Duncan has helped a lot of individuals become teams in his more than 25 years in the consulting realm, where his clients have included Amazon, Google and Microsoft and has received international acclaim as a leading figure in his world from Consulting Magazine in 2022. In the podcast, Duncan explains that high-performing teams don’t materialize magically just because you happen to have the right talent. It falls to the leader to create the conditions and expectations that will help others come together in trust.

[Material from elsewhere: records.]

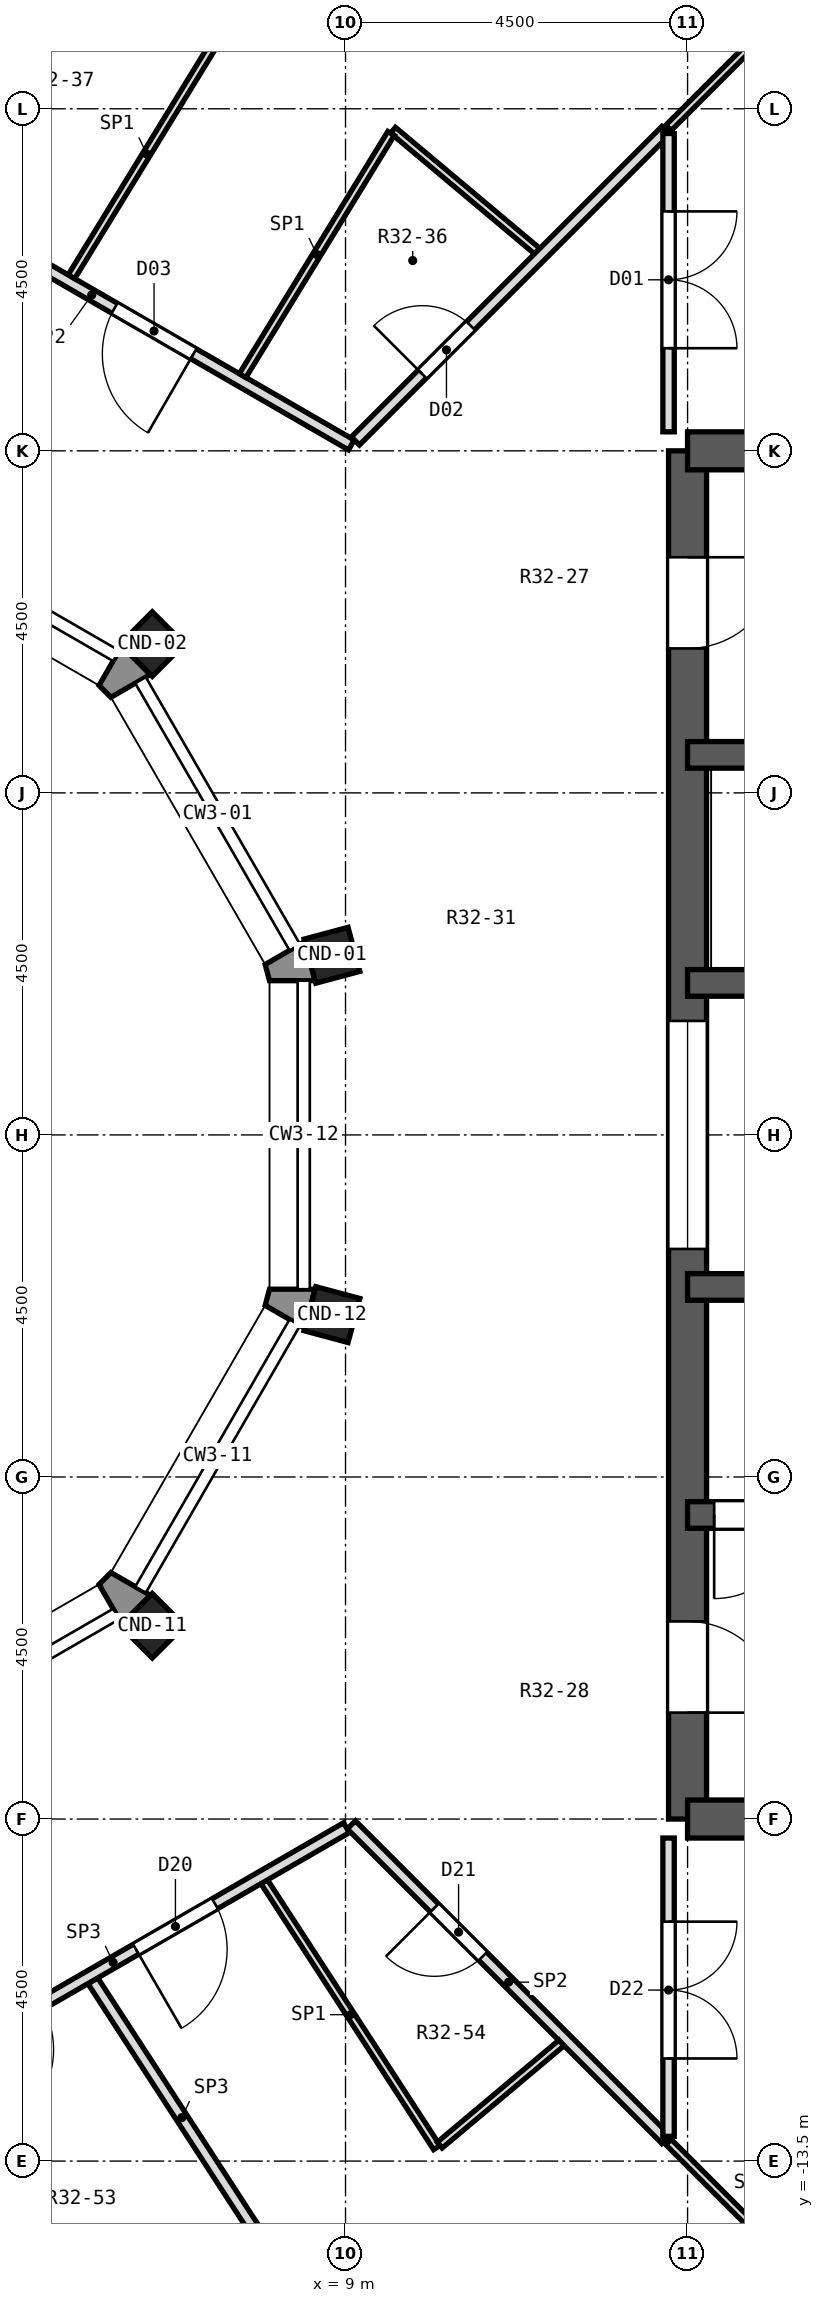
"""IFC4 building model, lengths in metres.
Left out: names, types, materials, properties, quantities, classifications, styles, units other than length and angle.
Written with IfcOpenShell. Run it as: python <this file> out.ifc"""

import sys

from ifc_helpers import new_model, si_unit, direction, frame, frame_2d, origin, origin_2d, place, context, subcontext, project, spatial, polyline, rectangle, outline, extrude, element, fill, save


model = new_model("IFC4")
c1 = context("Model", 3, precision=1e-05, world=origin(), true_north=direction((0.0, 1.0)))
c2 = subcontext(c1, "Body", "Model", "MODEL_VIEW")
j1 = project(units=[si_unit("LENGTHUNIT", "METRE"), si_unit("PLANEANGLEUNIT", "RADIAN")], contexts=[c1])
p1 = place(None, origin())
s1 = spatial("IfcSite", under=j1, at=p1, CompositionType="ELEMENT")
p2 = place(p1, origin())
s2 = spatial("IfcBuilding", under=s1, at=p2, CompositionType="ELEMENT")
p3 = place(p2, frame((0.0, 0.0, 224.7)))
s3 = spatial("IfcBuildingStorey", under=s2, at=p3, CompositionType="ELEMENT", Elevation=224.7)
for number, where, z_axis, x_axis in (
    (1, (8.821, 2.364, 0.0), (0.0, 0.0, 1.0), (0.966, 0.259, 0.0)),
    (2, (6.458, 6.458, 0.0), (0.0, 0.0, 1.0), (0.707, 0.707, 0.0)),
    (3, (6.458, -6.458, 0.0), (0.0, 0.0, 1.0), (0.707, -0.707, 0.0)),
    (4, (8.821, -2.364, 0.0), (0.0, 0.0, 1.0), (0.966, -0.259, 0.0)),
):
    element("IfcColumn", number, at=place(p3, frame(where, z_axis=z_axis, x_axis=x_axis)), inside=s3, PredefinedType="COLUMN", context=c2, shape_type="SweptSolid", body=[
        extrude(rectangle(XDim=0.6, YDim=0.6, at=origin_2d()), origin(), (0.0, 0.0, 1.0), 5.0),
    ])
p4 = place(p3, frame((13.5, -9.0, 0.0), z_axis=(0.0, 0.0, 1.0), x_axis=(0.0, 1.0, 0.0)))
e5 = element("IfcWall", 5, at=p4, inside=s3, PredefinedType="SHEAR", context=c2, shape_type="SweptSolid", body=[
    extrude(rectangle(XDim=18.0, YDim=0.5, at=frame_2d((9.0, 0.0))), origin(), (0.0, 0.0, 1.0), 5.0),
])
p5 = place(p4, frame((15.4, 0.0, 0.0)))
e6 = element("IfcOpeningElement", 6, at=p5, cuts=e5, PredefinedType="OPENING", context=c2, shape_type="SweptSolid", body=[
    extrude(rectangle(XDim=1.2, YDim=2.1, at=frame_2d((0.6, 1.05))), frame((0.0, 0.262, 0.0), z_axis=(0.0, -1.0, 0.0), x_axis=(1.0, 0.0, 0.0)), (0.0, 0.0, 1.0), 0.524),
])
p6 = place(p4, frame((1.4, 0.0, 0.0)))
e7 = element("IfcOpeningElement", 7, at=p6, cuts=e5, PredefinedType="OPENING", context=c2, shape_type="SweptSolid", body=[
    extrude(rectangle(XDim=1.2, YDim=2.1, at=frame_2d((0.6, 1.05))), frame((0.0, 0.262, 0.0), z_axis=(0.0, -1.0, 0.0), x_axis=(1.0, 0.0, 0.0)), (0.0, 0.0, 1.0), 0.524),
])
p7 = place(p4, frame((7.5, 0.0, 0.0)))
e8 = element("IfcOpeningElement", 8, at=p7, cuts=e5, PredefinedType="OPENING", context=c2, shape_type="SweptSolid", body=[
    extrude(rectangle(XDim=3.0, YDim=2.4, at=frame_2d((1.5, 1.2))), frame((0.0, 0.262, 0.0), z_axis=(0.0, -1.0, 0.0), x_axis=(1.0, 0.0, 0.0)), (0.0, 0.0, 1.0), 0.524),
])
for number, where, z_axis, x_axis in (
    (9, (13.5, 9.0, 0.0), (0.0, 0.0, 1.0), (1.0, 0.0, 0.0)),
    (10, (13.5, -9.0, 0.0), (0.0, 0.0, 1.0), (1.0, 0.0, 0.0)),
):
    element("IfcWall", number, at=place(p3, frame(where, z_axis=z_axis, x_axis=x_axis)), inside=s3, PredefinedType="SHEAR", context=c2, shape_type="SweptSolid", body=[
        extrude(rectangle(XDim=6.0, YDim=0.5, at=frame_2d((3.0, 0.0))), origin(), (0.0, 0.0, 1.0), 5.0),
    ])
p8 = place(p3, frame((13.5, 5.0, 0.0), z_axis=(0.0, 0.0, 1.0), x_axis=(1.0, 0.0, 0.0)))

One way he does this is through leading by example rather than pulling rank. “For me, it’s very important to never ask someone on your team to do something you’re not prepared to do yourself,” he noted. Once, while leading a team working with a client in Memphis, Tennessee, Duncan volunteered to be the one who pulled an all-nighter to test a critical system. The next morning, when his team and their client asked whether the system worked, Duncan replied, “Of course it works. I tested it.”

The point of leading by example isn’t to be better liked by your team, says Duncan, but rather to build trust within your team. It also removes an artificial barrier – namely, rank – that can prevent leaders and their teams from getting to know each other better. Duncan says you may have to walk a fine line, but “start by building greater trust, and then raise or lower the bar on expectations, and delegate based on what you see.”

Listeners to the podcast will enjoy a “consultant’s eye view” of Duncan’s team-building expertise, including:

  • Why humility is a leader’s most potent leadership trait.
  • Knowing when to talk and when to listen – and why it matters.
  • How leaders can overcome their fear of trusting their team.

Duncan says one of his greatest sources of professional pride comes from leading people to do something that they didn’t think they could do before they started the journey with him. “For me, the measure of success is seeing people at the end of a project say, ‘Wow, I had no idea I could do that!’ That’s what gets me out of bed in the morning.”